Their shipmates greeted them affectionately. “And I’ll begin with the bully soup, Skipper,” said the cook. “Twill be the quickest made.”

And the cook did that, putting the twenty-four quarts into one immense boiler, and they finished it in the first rush. Then the Skipper drew the cork out of the bottle of whiskey.

“A nice man, that steamer captain,” said Coleman, “but not much judgment. ‘Tell the boys to have a drink on me,’ he says, and that same was good of him. But one quart among twenty-two men! Oh, Lord!”

“Lord forgive him,” said Jerry, “tisn’t enough for an aggravation.”

After that, and a good warming-up and drying out of wet clothes, they went on deck and turned to as if it was canoeing on the Charles River they were. They coaxed the Celestine along, always with an eye to her weak side. And the wind came fair, and the first thing they knew—no more than a couple of days more of careful night and day work it was—they found themselves abreast of Boston lightship. And here a tug bore down and hailed them.

“You’re lookin’ in bad shape. Will I heave a line aboard?”

“Will you? I don’t know. How much to the wharf?”

“Oh, about five hundred dollars, I guess.”

“You guess, do you? Well, I’ll make a guess you won’t.”

“Well, what d’y’ say to two fifty?”

“No, nor one fifty—nor a single fifty, nor the half of fifty. We’ve beat two hundred and odd mile this way, and I cal’late we can make ten mile more to the dock.”

“Come two hundred miles in that rig?”

A tug bore down and hailed them.

“Yes, sir—from Georges—and could come it again.”

“From Georges—in the weather we’ve had?
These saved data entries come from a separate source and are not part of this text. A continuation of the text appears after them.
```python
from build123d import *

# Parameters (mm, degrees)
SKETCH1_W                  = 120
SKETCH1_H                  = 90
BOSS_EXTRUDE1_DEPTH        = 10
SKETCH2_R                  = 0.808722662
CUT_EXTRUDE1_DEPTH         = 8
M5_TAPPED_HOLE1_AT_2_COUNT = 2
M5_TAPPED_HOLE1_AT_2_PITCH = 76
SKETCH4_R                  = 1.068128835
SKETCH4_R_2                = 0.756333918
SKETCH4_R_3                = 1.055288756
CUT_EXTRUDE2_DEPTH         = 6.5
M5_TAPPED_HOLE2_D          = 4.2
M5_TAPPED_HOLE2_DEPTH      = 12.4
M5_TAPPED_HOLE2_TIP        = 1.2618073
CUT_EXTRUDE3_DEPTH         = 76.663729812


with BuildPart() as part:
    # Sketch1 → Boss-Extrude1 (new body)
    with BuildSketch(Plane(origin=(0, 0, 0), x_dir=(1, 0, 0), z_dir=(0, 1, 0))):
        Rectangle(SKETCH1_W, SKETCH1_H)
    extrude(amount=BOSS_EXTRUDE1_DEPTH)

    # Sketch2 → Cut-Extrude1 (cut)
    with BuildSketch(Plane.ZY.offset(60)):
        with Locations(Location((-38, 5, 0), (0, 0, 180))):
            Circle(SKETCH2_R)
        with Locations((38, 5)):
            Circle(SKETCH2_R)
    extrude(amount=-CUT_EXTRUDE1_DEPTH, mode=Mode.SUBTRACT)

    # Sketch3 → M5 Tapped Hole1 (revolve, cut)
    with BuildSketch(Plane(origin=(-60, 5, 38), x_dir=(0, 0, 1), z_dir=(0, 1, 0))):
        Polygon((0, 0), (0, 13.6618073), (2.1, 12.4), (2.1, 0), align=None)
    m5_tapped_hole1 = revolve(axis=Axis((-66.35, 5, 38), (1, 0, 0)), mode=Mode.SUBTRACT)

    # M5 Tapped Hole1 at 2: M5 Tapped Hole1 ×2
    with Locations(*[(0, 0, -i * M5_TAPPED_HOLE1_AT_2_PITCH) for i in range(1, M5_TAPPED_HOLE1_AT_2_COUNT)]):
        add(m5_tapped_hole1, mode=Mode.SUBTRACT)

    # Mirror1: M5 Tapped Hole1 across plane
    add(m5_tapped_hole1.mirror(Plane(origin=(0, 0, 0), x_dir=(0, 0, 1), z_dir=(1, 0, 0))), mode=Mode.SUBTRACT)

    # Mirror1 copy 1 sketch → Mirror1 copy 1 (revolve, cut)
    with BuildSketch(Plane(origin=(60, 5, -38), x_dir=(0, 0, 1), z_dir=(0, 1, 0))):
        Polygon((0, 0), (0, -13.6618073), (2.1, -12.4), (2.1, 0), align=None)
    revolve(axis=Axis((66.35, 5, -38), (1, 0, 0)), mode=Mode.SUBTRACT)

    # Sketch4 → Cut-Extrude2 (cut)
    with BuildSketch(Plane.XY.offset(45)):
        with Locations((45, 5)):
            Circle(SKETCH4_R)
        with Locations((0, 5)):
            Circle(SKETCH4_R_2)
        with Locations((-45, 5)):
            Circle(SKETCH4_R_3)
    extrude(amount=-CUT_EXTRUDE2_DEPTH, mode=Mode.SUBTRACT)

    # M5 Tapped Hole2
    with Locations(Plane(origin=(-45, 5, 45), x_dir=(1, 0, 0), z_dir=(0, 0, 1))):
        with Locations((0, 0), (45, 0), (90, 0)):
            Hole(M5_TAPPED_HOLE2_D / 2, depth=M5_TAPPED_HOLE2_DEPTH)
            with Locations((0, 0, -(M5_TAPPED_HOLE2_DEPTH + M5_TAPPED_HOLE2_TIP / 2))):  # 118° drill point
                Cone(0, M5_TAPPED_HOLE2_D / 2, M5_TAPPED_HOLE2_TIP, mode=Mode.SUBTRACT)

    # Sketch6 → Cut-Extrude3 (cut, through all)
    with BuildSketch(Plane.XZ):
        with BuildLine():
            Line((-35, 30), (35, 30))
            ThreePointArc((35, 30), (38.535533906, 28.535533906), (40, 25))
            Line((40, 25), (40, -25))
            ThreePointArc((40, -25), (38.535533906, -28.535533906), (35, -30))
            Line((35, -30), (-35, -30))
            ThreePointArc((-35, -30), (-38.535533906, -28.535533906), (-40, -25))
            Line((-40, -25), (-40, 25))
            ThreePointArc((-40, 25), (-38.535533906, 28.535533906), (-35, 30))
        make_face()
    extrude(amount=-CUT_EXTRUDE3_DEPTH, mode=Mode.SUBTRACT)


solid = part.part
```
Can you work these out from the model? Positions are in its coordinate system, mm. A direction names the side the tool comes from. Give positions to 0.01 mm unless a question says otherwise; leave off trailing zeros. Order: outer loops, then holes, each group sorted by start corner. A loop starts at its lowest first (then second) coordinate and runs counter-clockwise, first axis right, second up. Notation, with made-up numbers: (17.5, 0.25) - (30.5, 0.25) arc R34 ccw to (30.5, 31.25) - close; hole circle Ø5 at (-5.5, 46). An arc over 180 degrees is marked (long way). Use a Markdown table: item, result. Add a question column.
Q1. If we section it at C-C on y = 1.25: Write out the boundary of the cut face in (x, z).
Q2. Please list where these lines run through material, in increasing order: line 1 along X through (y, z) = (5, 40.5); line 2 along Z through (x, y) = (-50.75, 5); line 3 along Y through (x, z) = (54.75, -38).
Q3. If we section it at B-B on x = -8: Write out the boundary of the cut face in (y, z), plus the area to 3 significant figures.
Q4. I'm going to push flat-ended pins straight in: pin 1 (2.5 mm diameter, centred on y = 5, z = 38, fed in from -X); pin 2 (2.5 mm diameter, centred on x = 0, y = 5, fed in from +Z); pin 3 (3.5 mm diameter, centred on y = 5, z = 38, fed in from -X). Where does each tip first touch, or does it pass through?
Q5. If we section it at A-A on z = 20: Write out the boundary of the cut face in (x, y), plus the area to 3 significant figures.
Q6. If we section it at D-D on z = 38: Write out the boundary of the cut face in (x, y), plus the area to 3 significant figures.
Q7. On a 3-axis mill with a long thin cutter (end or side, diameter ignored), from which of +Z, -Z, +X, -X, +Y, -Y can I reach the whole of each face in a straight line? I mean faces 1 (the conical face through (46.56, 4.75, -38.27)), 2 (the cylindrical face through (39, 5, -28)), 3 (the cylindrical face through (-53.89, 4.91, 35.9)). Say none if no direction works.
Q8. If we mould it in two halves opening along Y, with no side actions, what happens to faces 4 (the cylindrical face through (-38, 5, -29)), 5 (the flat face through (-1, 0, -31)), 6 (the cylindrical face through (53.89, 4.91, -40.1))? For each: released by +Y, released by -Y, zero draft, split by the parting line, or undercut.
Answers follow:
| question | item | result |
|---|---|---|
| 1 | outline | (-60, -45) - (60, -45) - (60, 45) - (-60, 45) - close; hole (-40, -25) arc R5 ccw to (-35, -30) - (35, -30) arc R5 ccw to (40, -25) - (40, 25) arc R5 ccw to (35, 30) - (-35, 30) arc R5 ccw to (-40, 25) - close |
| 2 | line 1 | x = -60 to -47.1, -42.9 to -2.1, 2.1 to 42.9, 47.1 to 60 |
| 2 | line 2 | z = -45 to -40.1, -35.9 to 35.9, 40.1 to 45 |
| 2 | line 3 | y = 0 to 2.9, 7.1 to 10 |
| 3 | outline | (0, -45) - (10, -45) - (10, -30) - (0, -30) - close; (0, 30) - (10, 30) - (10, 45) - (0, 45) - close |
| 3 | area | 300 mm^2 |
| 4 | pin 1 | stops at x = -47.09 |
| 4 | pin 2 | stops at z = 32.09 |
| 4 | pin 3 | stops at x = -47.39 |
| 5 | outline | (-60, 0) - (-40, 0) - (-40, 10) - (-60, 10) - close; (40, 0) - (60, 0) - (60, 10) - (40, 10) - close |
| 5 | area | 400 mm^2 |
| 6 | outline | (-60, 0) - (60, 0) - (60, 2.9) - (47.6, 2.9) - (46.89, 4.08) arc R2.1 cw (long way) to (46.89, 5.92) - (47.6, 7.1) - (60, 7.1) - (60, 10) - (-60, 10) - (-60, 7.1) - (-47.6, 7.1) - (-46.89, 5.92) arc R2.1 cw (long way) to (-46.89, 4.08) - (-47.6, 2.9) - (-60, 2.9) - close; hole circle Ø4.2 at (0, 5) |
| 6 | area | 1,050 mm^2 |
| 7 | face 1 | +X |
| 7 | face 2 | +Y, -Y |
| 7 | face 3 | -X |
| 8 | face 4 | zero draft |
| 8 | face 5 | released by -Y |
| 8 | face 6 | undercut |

Angel Gabriel! I’ll take you up for nothing.”

“No, no, you won’t. We’ll give you what’s due you—ten dollars.”

“All right—ten dollars.”

And so the Celestine came back to T Dock. And an appreciative aggregation of connoisseurs in seamanship were there to greet her. But the crew of the Celestine: It did not take them long to hustle ashore after she was tied up—and they all had their bags with them. No more of her for them, thank you.

And Coleman? After a look over to Eastern Packet Pier to see that his own Maggie was still there, Coleman hurried up the dock and headed for the bar of the saloon that is nearest the south side of T Dock, there to consummate the second of the rites without which he could conceive no trip to be lucky.

The bartender set down the glass of water and the glass empty and the bottle with the horse and rider on the outside. Coleman raised the bottle. But looking about him before he drank and observing the wistful crowd, he set his filled glass down again and drew his old wallet from his pocket, and from there dug out a bill. It was a five-dollar bill—they all saw it, with the V in plain sight. That, Coleman laid down on the bar, and motioning back over his shoulder, said heartily, “Let ye all come up—and have a drink on the Maggie Joyce—the Maggie for me from this out.”

“And how about that new one, Captain?” said one when the rush was over and a dozen throats had been properly sluiced.

“That one, is it? That one! The wicked— I won’t say it, but if ever I set foot on her deck again may— That one—why, ’tis bad as pickin’ up a painted drab on the street and your own decent wife to home. Let ye drink again—d’y’ hear me?” And not a man of them but heard.